Fascination as a Spiritual Practice.


This photograph is one of many I have taken, somehow trying to capture the inner disposition I feel when I catch sight of the little birds that sit among the Wisteria branches. The view is one I see every day as I sit in my basement study. I have an old blue and yellow striped armchair, crackly stuffed with something rigid and post war, it keeps me upright as I try to mediate. All the methods, following the breath, centring prayer, stillness exercises, guided mediations are like this armchair; well stuffed and giving uprightness, but they fall away when I see the Robin perched on a branch – nippingly picking out seeds from the feeder. His daintiness and delicacy capture my attention as the downward dip of the float catches the anglers breath. Then I see the Chaffinch waiting to go through the same tiny pecking rigmarole.

I began a six month sabbatical in January 2010 and expected to dive into the poetic life with all the prolific vigour that I sensed was pent up, explosively, inside me over my 50 years of living. The waves of self-disappointment were relentless in the first month because all I wanted to do, as I found the pluck to admit it, was watch the little birds.
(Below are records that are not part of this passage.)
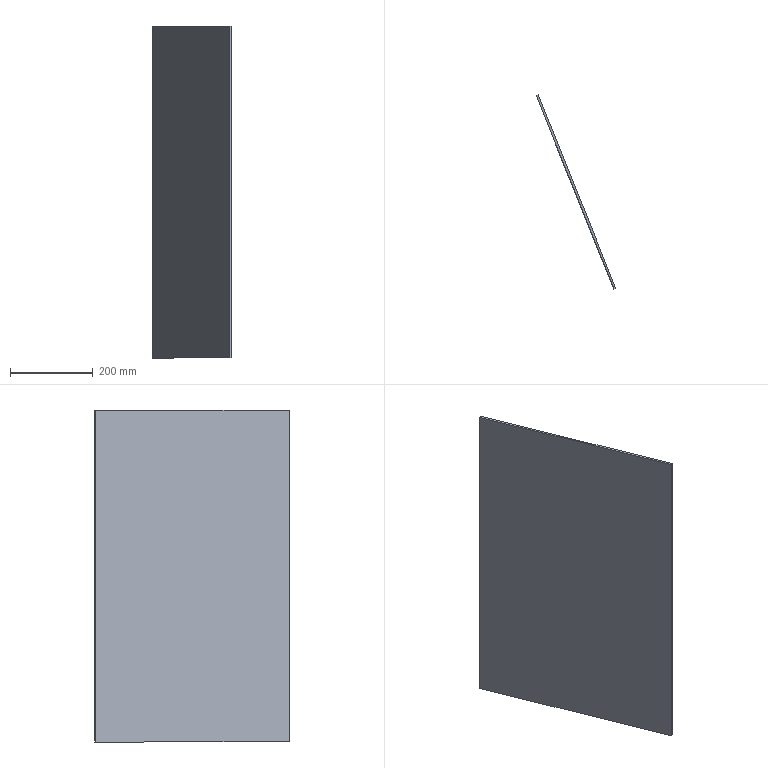Component | SolidWorks | GuardDoor-1_503.5-801-5-1 | 1 solid | 6 faces | box 191.99 x 469.21 x 801 mm | volume 2016517 mm3 | plane 6
build123d program:
from build123d import *

# Parameters (mm, degrees)
SKETCH1_W           = 503.5
SKETCH1_H           = 801
BOSS_EXTRUDE1_DEPTH = 5


with BuildPart() as part:
    # Sketch1 → Boss-Extrude1 (new body)
    with BuildSketch(Plane.XY):
        with Locations((251.75, -400.5)):
            Rectangle(SKETCH1_W, SKETCH1_H)
    extrude(amount=BOSS_EXTRUDE1_DEPTH)


solid = part.part

# Placed as in the assembly
solid = solid.moved(Location((1065.732, 675.72, -400.5), (90, -68.155, -180)))
STEP:
#1=CARTESIAN_POINT('',(41.775,26.53,15.768));
#2=VERTEX_POINT('',#1);
#3=CARTESIAN_POINT('',(41.775,26.53,-15.768));
#4=VERTEX_POINT('',#3);
#5=CARTESIAN_POINT('',(41.775,26.53,15.768));
#6=DIRECTION('',(0.,0.,-1.));
#7=VECTOR('',#6,39.37);
#8=LINE('',#5,#7);
#9=EDGE_CURVE('',#2,#4,#8,.T.);
#10=ORIENTED_EDGE('',*,*,#9,.T.);
#11=CARTESIAN_POINT('',(41.958,26.603,-15.768));
#12=VERTEX_POINT('',#11);
#13=CARTESIAN_POINT('',(41.958,26.603,-15.768));
#14=DIRECTION('',(-0.9282,-0.3721,-0.));
#15=VECTOR('',#14,39.37);
#16=LINE('',#13,#15);
#17=EDGE_CURVE('',#12,#4,#16,.T.);
#18=ORIENTED_EDGE('',*,*,#17,.F.);
#19=CARTESIAN_POINT('',(41.958,26.603,15.768));
#20=VERTEX_POINT('',#19);
#21=CARTESIAN_POINT('',(41.958,26.603,15.768));
#22=DIRECTION('',(0.,0.,-1.));
#23=VECTOR('',#22,39.37);
#24=LINE('',#21,#23);
#25=EDGE_CURVE('',#20,#12,#24,.T.);
#26=ORIENTED_EDGE('',*,*,#25,.F.);
#27=CARTESIAN_POINT('',(41.958,26.603,15.768));
#28=DIRECTION('',(-0.9282,-0.3721,-0.));
#29=VECTOR('',#28,39.37);
#30=LINE('',#27,#29);
#31=EDGE_CURVE('',#20,#2,#30,.T.);
#32=ORIENTED_EDGE('',*,*,#31,.T.);
#33=EDGE_LOOP('',(#10,#18,#26,#32));
#34=FACE_OUTER_BOUND('',#33,.T.);
#35=CARTESIAN_POINT('',(41.958,26.603,15.768));
#36=DIRECTION('',(-0.3721,0.9282,-0.));
#37=DIRECTION('',(-0.,-0.,1.));
#38=AXIS2_PLACEMENT_3D('',#35,#36,#37);
#39=PLANE('',#38);
#40=ADVANCED_FACE('',(#34),#39,.F.);
#41=CARTESIAN_POINT('',(34.399,44.929,-15.768));
#42=VERTEX_POINT('',#41);
#43=CARTESIAN_POINT('',(41.775,26.53,-15.768));
#44=DIRECTION('',(-0.3721,0.9282,-0.));
#45=VECTOR('',#44,39.37);
#46=LINE('',#43,#45);
#47=EDGE_CURVE('',#4,#42,#46,.T.);
#48=ORIENTED_EDGE('',*,*,#47,.T.);
#49=CARTESIAN_POINT('',(34.582,45.003,-15.768));
#50=VERTEX_POINT('',#49);
#51=CARTESIAN_POINT('',(34.582,45.003,-15.768));
#52=DIRECTION('',(-0.9282,-0.3721,-0.));
#53=VECTOR('',#52,39.37);
#54=LINE('',#51,#53);
#55=EDGE_CURVE('',#50,#42,#54,.T.);
#56=ORIENTED_EDGE('',*,*,#55,.F.);
#57=CARTESIAN_POINT('',(41.958,26.603,-15.768));
#58=DIRECTION('',(-0.3721,0.9282,-0.));
#59=VECTOR('',#58,39.37);
#60=LINE('',#57,#59);
#61=EDGE_CURVE('',#12,#50,#60,.T.);
#62=ORIENTED_EDGE('',*,*,#61,.F.);
#63=ORIENTED_EDGE('',*,*,#17,.T.);
#64=EDGE_LOOP('',(#48,#56,#62,#63));
#65=FACE_OUTER_BOUND('',#64,.T.);
#66=CARTESIAN_POINT('',(41.958,26.603,-15.768));
#67=DIRECTION('',(-0.,0.,1.));
#68=DIRECTION('',(0.9282,0.3721,0.));
#69=AXIS2_PLACEMENT_3D('',#66,#67,#68);
#70=PLANE('',#69);
#71=ADVANCED_FACE('',(#65),#70,.F.);
#72=CARTESIAN_POINT('',(34.399,44.929,15.768));
#73=VERTEX_POINT('',#72);
#74=CARTESIAN_POINT('',(34.399,44.929,15.768));
#75=DIRECTION('',(-0.,-0.,1.));
#76=VECTOR('',#75,39.37);
#77=LINE('',#74,#76);
#78=EDGE_CURVE('',#42,#73,#77,.T.);
#79=ORIENTED_EDGE('',*,*,#78,.T.);
#80=CARTESIAN_POINT('',(34.582,45.003,15.768));
#81=VERTEX_POINT('',#80);
#82=CARTESIAN_POINT('',(34.582,45.003,15.768));
#83=DIRECTION('',(-0.9282,-0.3721,-0.));
#84=VECTOR('',#83,39.37);
#85=LINE('',#82,#84);
#86=EDGE_CURVE('',#81,#73,#85,.T.);
#87=ORIENTED_EDGE('',*,*,#86,.F.);
#88=CARTESIAN_POINT('',(34.582,45.003,15.768));
#89=DIRECTION('',(-0.,-0.,1.));
#90=VECTOR('',#89,39.37);
#91=LINE('',#88,#90);
#92=EDGE_CURVE('',#50,#81,#91,.T.);
#93=ORIENTED_EDGE('',*,*,#92,.F.);
#94=ORIENTED_EDGE('',*,*,#55,.T.);
#95=EDGE_LOOP('',(#79,#87,#93,#94));
#96=FACE_OUTER_BOUND('',#95,.T.);
#97=CARTESIAN_POINT('',(34.582,45.003,15.768));
#98=DIRECTION('',(0.3721,-0.9282,0.));
#99=DIRECTION('',(0.,0.,-1.));
#100=AXIS2_PLACEMENT_3D('',#97,#98,#99);
#101=PLANE('',#100);
#102=ADVANCED_FACE('',(#96),#101,.F.);
#103=CARTESIAN_POINT('',(41.775,26.53,15.768));
#104=DIRECTION('',(0.3721,-0.9282,0.));
#105=VECTOR('',#104,39.37);
#106=LINE('',#103,#105);
#107=EDGE_CURVE('',#73,#2,#106,.T.);
#108=ORIENTED_EDGE('',*,*,#107,.T.);
#109=ORIENTED_EDGE('',*,*,#31,.F.);
#110=CARTESIAN_POINT('',(41.958,26.603,15.768));
#111=DIRECTION('',(0.3721,-0.9282,0.));
#112=VECTOR('',#111,39.37);
#113=LINE('',#110,#112);
#114=EDGE_CURVE('',#81,#20,#113,.T.);
#115=ORIENTED_EDGE('',*,*,#114,.F.);
#116=ORIENTED_EDGE('',*,*,#86,.T.);
#117=EDGE_LOOP('',(#108,#109,#115,#116));
#118=FACE_OUTER_BOUND('',#117,.T.);
#119=CARTESIAN_POINT('',(41.958,26.603,15.768));
#120=DIRECTION('',(0.,-0.,-1.));
#121=DIRECTION('',(-0.9282,-0.3721,-0.));
#122=AXIS2_PLACEMENT_3D('',#119,#120,#121);
#123=PLANE('',#122);
#124=ADVANCED_FACE('',(#118),#123,.F.);
#125=ORIENTED_EDGE('',*,*,#25,.T.);
#126=ORIENTED_EDGE('',*,*,#61,.T.);
#127=ORIENTED_EDGE('',*,*,#92,.T.);
#128=ORIENTED_EDGE('',*,*,#114,.T.);
#129=EDGE_LOOP('',(#125,#126,#127,#128));
#130=FACE_OUTER_BOUND('',#129,.T.);
#131=CARTESIAN_POINT('',(41.958,26.603,15.768));
#132=DIRECTION('',(0.9282,0.3721,0.));
#133=DIRECTION('',(-0.3721,0.9282,-0.));
#134=AXIS2_PLACEMENT_3D('',#131,#132,#133);
#135=PLANE('',#134);
#136=ADVANCED_FACE('',(#130),#135,.T.);
#137=ORIENTED_EDGE('',*,*,#9,.F.);
#138=ORIENTED_EDGE('',*,*,#107,.F.);
#139=ORIENTED_EDGE('',*,*,#78,.F.);
#140=ORIENTED_EDGE('',*,*,#47,.F.);
#141=EDGE_LOOP('',(#137,#138,#139,#140));
#142=FACE_OUTER_BOUND('',#141,.T.);
#143=CARTESIAN_POINT('',(41.775,26.53,15.768));
#144=DIRECTION('',(0.9282,0.3721,0.));
#145=DIRECTION('',(-0.3721,0.9282,-0.));
#146=AXIS2_PLACEMENT_3D('',#143,#144,#145);
#147=PLANE('',#146);
#148=ADVANCED_FACE('',(#142),#147,.F.);
#149=CLOSED_SHELL('',(#40,#71,#102,#124,#136,#148));
#150=MANIFOLD_SOLID_BREP('',#149);
#151=CARTESIAN_POINT('',(0.,0.,0.));
#152=DIRECTION('',(0.,0.,1.));
#153=DIRECTION('',(1.,0.,0.));
#154=AXIS2_PLACEMENT_3D('',#151,#152,#153);
#155=(LENGTH_UNIT()NAMED_UNIT(*)SI_UNIT($,.METRE.));
#156=LENGTH_MEASURE_WITH_UNIT(LENGTH_MEASURE(0.0254),#155);
#157=DIMENSIONAL_EXPONENTS(1.,0.,0.,0.,0.,0.,0.);
#158=(CONVERSION_BASED_UNIT('',#156)LENGTH_UNIT()NAMED_UNIT(#157));
#159=UNCERTAINTY_MEASURE_WITH_UNIT(LENGTH_MEASURE(0.00001),#158,'','');
#160=(NAMED_UNIT(*)PLANE_ANGLE_UNIT()SI_UNIT($,.RADIAN.));
#161=(NAMED_UNIT(*)SI_UNIT($,.STERADIAN.)SOLID_ANGLE_UNIT());
#162=(GEOMETRIC_REPRESENTATION_CONTEXT(3)GLOBAL_UNCERTAINTY_ASSIGNED_CONTEXT((#159))GLOBAL_UNIT_ASSIGNED_CONTEXT((#158,#160,#161))REPRESENTATION_CONTEXT('',''));
#163=ADVANCED_BREP_SHAPE_REPRESENTATION('',(#150,#154),#162);
#164=COLOUR_RGB('',0.7922,0.8196,0.9333);
#165=FILL_AREA_STYLE_COLOUR('',#164);
#166=FILL_AREA_STYLE('',(#165));
#167=SURFACE_STYLE_FILL_AREA(#166);
#168=SURFACE_SIDE_STYLE('',(#167));
#169=SURFACE_STYLE_USAGE(.BOTH.,#168);
#170=PRESENTATION_STYLE_ASSIGNMENT((#169));
#171=STYLED_ITEM('',(#170),#150);
#172=PRESENTATION_LAYER_ASSIGNMENT('','',(#171));
#173=(LENGTH_UNIT()NAMED_UNIT(*)SI_UNIT($,.METRE.));
#174=LENGTH_MEASURE_WITH_UNIT(LENGTH_MEASURE(0.0254),#173);
#175=DIMENSIONAL_EXPONENTS(1.,0.,0.,0.,0.,0.,0.);
#176=(CONVERSION_BASED_UNIT('',#174)LENGTH_UNIT()NAMED_UNIT(#175));
#177=UNCERTAINTY_MEASURE_WITH_UNIT(LENGTH_MEASURE(0.00001),#176,'','');
#178=(NAMED_UNIT(*)PLANE_ANGLE_UNIT()SI_UNIT($,.RADIAN.));
#179=(NAMED_UNIT(*)SI_UNIT($,.STERADIAN.)SOLID_ANGLE_UNIT());
#180=(GEOMETRIC_REPRESENTATION_CONTEXT(3)GLOBAL_UNCERTAINTY_ASSIGNED_CONTEXT((#177))GLOBAL_UNIT_ASSIGNED_CONTEXT((#176,#178,#179))REPRESENTATION_CONTEXT('',''));
#181=MECHANICAL_DESIGN_GEOMETRIC_PRESENTATION_REPRESENTATION('',(#171),#180);

I developed a cornucopia of feeders, I chased the squirrels on regular basis, I kept them topped up, and I allowed my fascination to grow. I didn’t, nor do I now, feel the need to twitchily name them, I do have a little guide book for the ones I don’t know by name. But I do, with an aching longing, want their world, almost totally uninterested in my human milieu, to become part of mine. I am after all an animal.

In a book called Becoming Animal by David Abram he quotes a Canadian poet – Robert Bringhurst :

A Quadratic Equation

Voice: the breath’s tooth.

Thought: the brain’s bone.

Birdsong: an extension

of the beak. Speech:

the antler of the mind.

These words capture a little of what my fascination has taught me of the last five years. Firstly, I can trust my deepest instincts, even when they seem to go against the ought to’s , should do’s, must be’s that my rational mind scourges me with.  Secondly, the pleasing of the heart and body will lead the mind to a submissiveness to what is, and what is, is in fact, all we have! These words of David Abram put it all far more lucidly than I can.

‘Owning up to being an animal, a creature of earth. Tuning our animal senses to the sensible terrain: blending our skin with the rain- rippled surface of rivers, mingling our ears with the thunder and the thrumming of Frogs, and our eyes with the molten grey sky. Feeling the polyrythmic pulse of this place – this huge windswept body of water and stone. The vexed being in whose flesh we’re entangled.

Becoming earth. Becoming animal,. Becoming in this manner fully human.’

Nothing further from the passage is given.